Kumail Nanjiani and Emily V. Gordon’s ‘Little America’ Renewed for Season 2 on Apple TV+

The upcoming series will tell relatable stories about immigrants who hail from a wide variety of places.
"Little America"
"Little America"

Apple has renewed Kumail Nanjiani and Emily V. Gordon’s “Little America” for a second season ahead of its Season 1 premiere on January 17, 2020.

The upcoming Apple TV+ series is inspired by the true stories of American immigrants featured in Epic Magazine and focuses on the “little” but profound stories that Americans typically don’t have opportunities to read about in the media. Apple will release all Season 1 episodes at once.

“’Little America’ episodes are meant to evoke emotions that are as unique as each immigrant’s experience in this country,” executive producers Gordon and Nanjiani said in a statement. “We’re so happy to have the opportunity to be the conduit for these stories, and to have the chance to tell more of them in a second season with Apple.”

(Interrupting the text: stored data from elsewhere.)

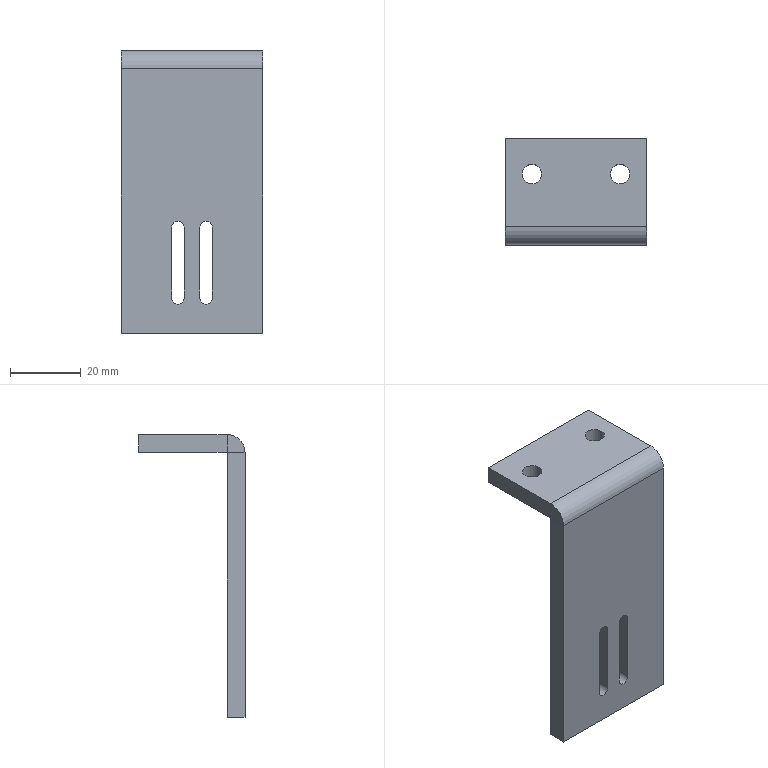Component | SolidWorks | CableChainABracket-0510-1 | 1 solid | 28 faces | box 40 x 30 x 80 mm | volume 19743 mm3 | plane 16 | cylinder 12 | commonest cylinder face diameters 3.5 x6 5.5 x4 10.2 x1 0.2 x1 | material Q235-A
STEP:
#1=COLOUR_RGB('',0.7922,0.8196,0.9333);
#2=FILL_AREA_STYLE_COLOUR('',#1);
#3=FILL_AREA_STYLE('',(#2));
#4=SURFACE_STYLE_FILL_AREA(#3);
#5=SURFACE_SIDE_STYLE('',(#4));
#6=SURFACE_STYLE_USAGE(.BOTH.,#5);
#7=PRESENTATION_STYLE_ASSIGNMENT((#6));
#8=CARTESIAN_POINT('',(-123.026,-0.772,135.295));
#9=VERTEX_POINT('',#8);
#10=CARTESIAN_POINT('',(-122.957,-0.772,135.364));
#11=VERTEX_POINT('',#10);
#12=CARTESIAN_POINT('',(-122.957,-0.772,135.295));
#13=DIRECTION('',(0.,1.,-0.));
#14=DIRECTION('',(0.,0.,-1.));
#15=AXIS2_PLACEMENT_3D('',#12,#13,#14);
#16=CIRCLE('',#15,0.0689);
#17=EDGE_CURVE('',#9,#11,#16,.T.);
#18=ORIENTED_EDGE('',*,*,#17,.T.);
#19=CARTESIAN_POINT('',(-122.957,-0.9688,135.364));
#20=VERTEX_POINT('',#19);
#21=CARTESIAN_POINT('',(-122.957,0.2123,135.364));
#22=DIRECTION('',(-0.,-1.,0.));
#23=VECTOR('',#22,39.37);
#24=LINE('',#21,#23);
#25=EDGE_CURVE('',#11,#20,#24,.T.);
#26=ORIENTED_EDGE('',*,*,#25,.T.);
#27=CARTESIAN_POINT('',(-123.026,-0.9688,135.295));
#28=VERTEX_POINT('',#27);
#29=CARTESIAN_POINT('',(-122.957,-0.9688,135.295));
#30=DIRECTION('',(-0.,-1.,0.));
#31=DIRECTION('',(0.,0.,1.));
#32=AXIS2_PLACEMENT_3D('',#29,#30,#31);
#33=CIRCLE('',#32,0.0689);
#34=EDGE_CURVE('',#20,#28,#33,.T.);
#35=ORIENTED_EDGE('',*,*,#34,.T.);
#36=CARTESIAN_POINT('',(-123.026,0.2123,135.295));
#37=DIRECTION('',(-0.,-1.,0.));
#38=VECTOR('',#37,39.37);
#39=LINE('',#36,#38);
#40=EDGE_CURVE('',#9,#28,#39,.T.);
#41=ORIENTED_EDGE('',*,*,#40,.F.);
#42=EDGE_LOOP('',(#18,#26,#35,#41));
#43=FACE_OUTER_BOUND('',#42,.T.);
#44=CARTESIAN_POINT('',(-122.957,0.2123,135.295));
#45=DIRECTION('',(-0.,-1.,0.));
#46=DIRECTION('',(0.,0.,1.));
#47=AXIS2_PLACEMENT_3D('',#44,#45,#46);
#48=CYLINDRICAL_SURFACE('',#47,0.0689);
#49=ADVANCED_FACE('',(#43),#48,.F.);
#50=CARTESIAN_POINT('',(-122.711,-0.772,135.295));
#51=VERTEX_POINT('',#50);
#52=CARTESIAN_POINT('',(-122.642,-0.772,135.364));
#53=VERTEX_POINT('',#52);
#54=CARTESIAN_POINT('',(-122.642,-0.772,135.295));
#55=DIRECTION('',(0.,1.,-0.));
#56=DIRECTION('',(0.,0.,-1.));
#57=AXIS2_PLACEMENT_3D('',#54,#55,#56);
#58=CIRCLE('',#57,0.0689);
#59=EDGE_CURVE('',#51,#53,#58,.T.);
#60=ORIENTED_EDGE('',*,*,#59,.T.);
#61=CARTESIAN_POINT('',(-122.642,-0.9688,135.364));
#62=VERTEX_POINT('',#61);
#63=CARTESIAN_POINT('',(-122.642,0.2123,135.364));
#64=DIRECTION('',(-0.,-1.,0.));
#65=VECTOR('',#64,39.37);
#66=LINE('',#63,#65);
#67=EDGE_CURVE('',#53,#62,#66,.T.);
#68=ORIENTED_EDGE('',*,*,#67,.T.);
#69=CARTESIAN_POINT('',(-122.711,-0.9688,135.295));
#70=VERTEX_POINT('',#69);
#71=CARTESIAN_POINT('',(-122.642,-0.9688,135.295));
#72=DIRECTION('',(-0.,-1.,0.));
#73=DIRECTION('',(0.,0.,1.));
#74=AXIS2_PLACEMENT_3D('',#71,#72,#73);
#75=CIRCLE('',#74,0.0689);
#76=EDGE_CURVE('',#62,#70,#75,.T.);
#77=ORIENTED_EDGE('',*,*,#76,.T.);
#78=CARTESIAN_POINT('',(-122.711,0.2123,135.295));
#79=DIRECTION('',(-0.,-1.,0.));
#80=VECTOR('',#79,39.37);
#81=LINE('',#78,#80);
#82=EDGE_CURVE('',#51,#70,#81,.T.);
#83=ORIENTED_EDGE('',*,*,#82,.F.);
#84=EDGE_LOOP('',(#60,#68,#77,#83));
#85=FACE_OUTER_BOUND('',#84,.T.);
#86=CARTESIAN_POINT('',(-122.642,0.2123,135.295));
#87=DIRECTION('',(-0.,-1.,0.));
#88=DIRECTION('',(0.,0.,1.));
#89=AXIS2_PLACEMENT_3D('',#86,#87,#88);
#90=CYLINDRICAL_SURFACE('',#89,0.0689);
#91=ADVANCED_FACE('',(#85),#90,.F.);
#92=CARTESIAN_POINT('',(-123.184,-0.1814,137.264));
#93=VERTEX_POINT('',#92);
#94=CARTESIAN_POINT('',(-123.4,-0.1814,137.264));
#95=VERTEX_POINT('',#94);
#96=CARTESIAN_POINT('',(-123.292,-0.1814,137.264));
#97=DIRECTION('',(-0.,-0.,-1.));
#98=DIRECTION('',(-1.,0.,0.));
#99=AXIS2_PLACEMENT_3D('',#96,#97,#98);
#100=CIRCLE('',#99,0.1083);
#101=EDGE_CURVE('',#93,#95,#100,.T.);
#102=ORIENTED_EDGE('',*,*,#101,.F.);
#103=CARTESIAN_POINT('',(-123.184,-0.1814,137.067));
#104=VERTEX_POINT('',#103);
#105=CARTESIAN_POINT('',(-123.184,-0.1814,137.067));
#106=DIRECTION('',(-0.,-0.,-1.));
#107=VECTOR('',#106,39.37);
#108=LINE('',#105,#107);
#109=EDGE_CURVE('',#93,#104,#108,.T.);
#110=ORIENTED_EDGE('',*,*,#109,.T.);
#111=CARTESIAN_POINT('',(-123.4,-0.1814,137.067));
#112=VERTEX_POINT('',#111);
#113=CARTESIAN_POINT('',(-123.292,-0.1814,137.067));
#114=DIRECTION('',(-0.,-0.,-1.));
#115=DIRECTION('',(-1.,0.,0.));
#116=AXIS2_PLACEMENT_3D('',#113,#114,#115);
#117=CIRCLE('',#116,0.1083);
#118=EDGE_CURVE('',#104,#112,#117,.T.);
#119=ORIENTED_EDGE('',*,*,#118,.T.);
#120=CARTESIAN_POINT('',(-123.4,-0.1814,137.067));
#121=DIRECTION('',(-0.,-0.,-1.));
#122=VECTOR('',#121,39.37);
#123=LINE('',#120,#122);
#124=EDGE_CURVE('',#95,#112,#123,.T.);
#125=ORIENTED_EDGE('',*,*,#124,.F.);
#126=EDGE_LOOP('',(#102,#110,#119,#125));
#127=FACE_OUTER_BOUND('',#126,.T.);
#128=CARTESIAN_POINT('',(-123.292,-0.1814,137.067));
#129=DIRECTION('',(-0.,-0.,-1.));
#130=DIRECTION('',(-1.,0.,0.));
#131=AXIS2_PLACEMENT_3D('',#128,#129,#130);
#132=CYLINDRICAL_SURFACE('',#131,0.1083);
#133=ADVANCED_FACE('',(#127),#132,.F.);
#134=CARTESIAN_POINT('',(-122.199,-0.1814,137.264));
#135=VERTEX_POINT('',#134);
#136=CARTESIAN_POINT('',(-122.416,-0.1814,137.264));
#137=VERTEX_POINT('',#136);
#138=CARTESIAN_POINT('',(-122.308,-0.1814,137.264));
#139=DIRECTION('',(-0.,-0.,-1.));
#140=DIRECTION('',(-1.,0.,0.));
#141=AXIS2_PLACEMENT_3D('',#138,#139,#140);
#142=CIRCLE('',#141,0.1083);
#143=EDGE_CURVE('',#135,#137,#142,.T.);
#144=ORIENTED_EDGE('',*,*,#143,.F.);
#145=CARTESIAN_POINT('',(-122.199,-0.1814,137.067));
#146=VERTEX_POINT('',#145);
#147=CARTESIAN_POINT('',(-122.199,-0.1814,137.067));
#148=DIRECTION('',(-0.,-0.,-1.));
#149=VECTOR('',#148,39.37);
#150=LINE('',#147,#149);
#151=EDGE_CURVE('',#135,#146,#150,.T.);
#152=ORIENTED_EDGE('',*,*,#151,.T.);
#153=CARTESIAN_POINT('',(-122.416,-0.1814,137.067));
#154=VERTEX_POINT('',#153);
#155=CARTESIAN_POINT('',(-122.308,-0.1814,137.067));
#156=DIRECTION('',(-0.,-0.,-1.));
#157=DIRECTION('',(-1.,0.,0.));
#158=AXIS2_PLACEMENT_3D('',#155,#156,#157);
#159=CIRCLE('',#158,0.1083);
#160=EDGE_CURVE('',#146,#154,#159,.T.);
#161=ORIENTED_EDGE('',*,*,#160,.T.);
#162=CARTESIAN_POINT('',(-122.416,-0.1814,137.067));
#163=DIRECTION('',(-0.,-0.,-1.));
#164=VECTOR('',#163,39.37);
#165=LINE('',#162,#164);
#166=EDGE_CURVE('',#137,#154,#165,.T.);
#167=ORIENTED_EDGE('',*,*,#166,.F.);
#168=EDGE_LOOP('',(#144,#152,#161,#167));
#169=FACE_OUTER_BOUND('',#168,.T.);
#170=CARTESIAN_POINT('',(-122.308,-0.1814,137.067));
#171=DIRECTION('',(-0.,-0.,-1.));
#172=DIRECTION('',(-1.,0.,0.));
#173=AXIS2_PLACEMENT_3D('',#170,#171,#172);
#174=CYLINDRICAL_SURFACE('',#173,0.1083);
#175=ADVANCED_FACE('',(#169),#174,.F.);
#176=CARTESIAN_POINT('',(-122.012,-0.772,137.063));
#177=VERTEX_POINT('',#176);
#178=CARTESIAN_POINT('',(-122.012,-0.772,134.114));
#179=VERTEX_POINT('',#178);
#180=CARTESIAN_POINT('',(-122.012,-0.772,137.264));
#181=DIRECTION('',(-0.,-0.,-1.));
#182=VECTOR('',#181,39.37);
#183=LINE('',#180,#182);
#184=EDGE_CURVE('',#177,#179,#183,.T.);
#185=ORIENTED_EDGE('',*,*,#184,.F.);
#186=CARTESIAN_POINT('',(-122.012,-0.9688,137.063));
#187=VERTEX_POINT('',#186);
#188=CARTESIAN_POINT('',(-122.012,-0.772,137.063));
#189=DIRECTION('',(-0.,-1.,0.));
#190=VECTOR('',#189,39.37);
#191=LINE('',#188,#190);
#192=EDGE_CURVE('',#177,#187,#191,.T.);
#193=ORIENTED_EDGE('',*,*,#192,.T.);
#194=CARTESIAN_POINT('',(-122.012,-0.9688,134.114));
#195=VERTEX_POINT('',#194);
#196=CARTESIAN_POINT('',(-122.012,-0.9688,137.264));
#197=DIRECTION('',(-0.,-0.,-1.));
#198=VECTOR('',#197,39.37);
#199=LINE('',#196,#198);
#200=EDGE_CURVE('',#187,#195,#199,.T.);
#201=ORIENTED_EDGE('',*,*,#200,.T.);
#202=CARTESIAN_POINT('',(-122.012,-0.9688,134.114));
#203=DIRECTION('',(0.,1.,-0.));
#204=VECTOR('',#203,39.37);
#205=LINE('',#202,#204);
#206=EDGE_CURVE('',#195,#179,#205,.T.);
#207=ORIENTED_EDGE('',*,*,#206,.T.);
#208=EDGE_LOOP('',(#185,#193,#201,#207));
#209=FACE_OUTER_BOUND('',#208,.T.);
#210=CARTESIAN_POINT('',(-122.012,-0.9688,137.264));
#211=DIRECTION('',(1.,-0.,-0.));
#212=DIRECTION('',(-0.,-0.,-1.));
#213=AXIS2_PLACEMENT_3D('',#210,#211,#212);
#214=PLANE('',#213);
#215=ADVANCED_FACE('',(#209),#214,.T.);
#216=CARTESIAN_POINT('',(-122.888,-0.9688,134.508));
#217=VERTEX_POINT('',#216);
#218=CARTESIAN_POINT('',(-122.888,-0.9688,135.295));
#219=VERTEX_POINT('',#218);
#220=CARTESIAN_POINT('',(-122.888,-0.9688,134.508));
#221=DIRECTION('',(-0.,0.,1.));
#222=VECTOR('',#221,39.37);
#223=LINE('',#220,#222);
#224=EDGE_CURVE('',#217,#219,#223,.T.);
#225=ORIENTED_EDGE('',*,*,#224,.F.);
#226=CARTESIAN_POINT('',(-123.026,-0.9688,134.508));
#227=VERTEX_POINT('',#226);
#228=CARTESIAN_POINT('',(-122.957,-0.9688,134.508));
#229=DIRECTION('',(-0.,-1.,0.));
#230=DIRECTION('',(0.,0.,1.));
#231=AXIS2_PLACEMENT_3D('',#228,#229,#230);
#232=CIRCLE('',#231,0.0689);
#233=EDGE_CURVE('',#227,#217,#232,.T.);
#234=ORIENTED_EDGE('',*,*,#233,.F.);
#235=CARTESIAN_POINT('',(-123.026,-0.9688,134.508));
#236=DIRECTION('',(0.,-0.,-1.));
#237=VECTOR('',#236,39.37);
#238=LINE('',#235,#237);
#239=EDGE_CURVE('',#28,#227,#238,.T.);
#240=ORIENTED_EDGE('',*,*,#239,.F.);
#241=ORIENTED_EDGE('',*,*,#34,.F.);
#242=CARTESIAN_POINT('',(-122.957,-0.9688,135.295));
#243=DIRECTION('',(-0.,-1.,0.));
#244=DIRECTION('',(0.,0.,1.));
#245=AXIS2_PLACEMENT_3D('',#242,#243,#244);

Each half-hour episodes will feature a unique story from an immigrant whom hail from all over the world. “The Manager” episode will focus on Kabir, a 12-year-old who must learn to run a Utah motel on his own when his parents are deported to India, while “The Son” will focus on Rafiq, who escapes from his home in Syria after his father discovers he is gay and goes on the run until he finds a new home in the unlikeliest of places.

Although immigration is a prominent topic in American politics, series producer and Epic Magazine founder Joshuah Bearman said the show was designed to tell the small and relatable stories of everyday immigrants to help audiences relate to other people.

“We sent our writers and researchers around the country to find these extraordinary tales from the lives of immigrants. What we discovered is that almost everyone has a little America story. These are slices of life we all share. And it was gratifying to be able to use these small stories to take on big ideas,” executive producer and Epic Magazine founder Bearman said in a statement. “Immigration has become a political issue, but not if you just tell people’s ordinary stories. We wanted to make this show so that audiences could just get to know other people.”

The series’ other executive producers are Nanjiani (“The Big Sick, “Silicon Valley”), Gordon (“The Big Sick”), Alan Yang (“Master of None,” “Parks and Recreation”), Sian Heder (“Tallulah,” “Orange Is the New Black”), Joshua Davis (“Spare Parts”) and Arthur Spector (“The Shack”). Heder also serves as co-showrunner alongside Eisenberg.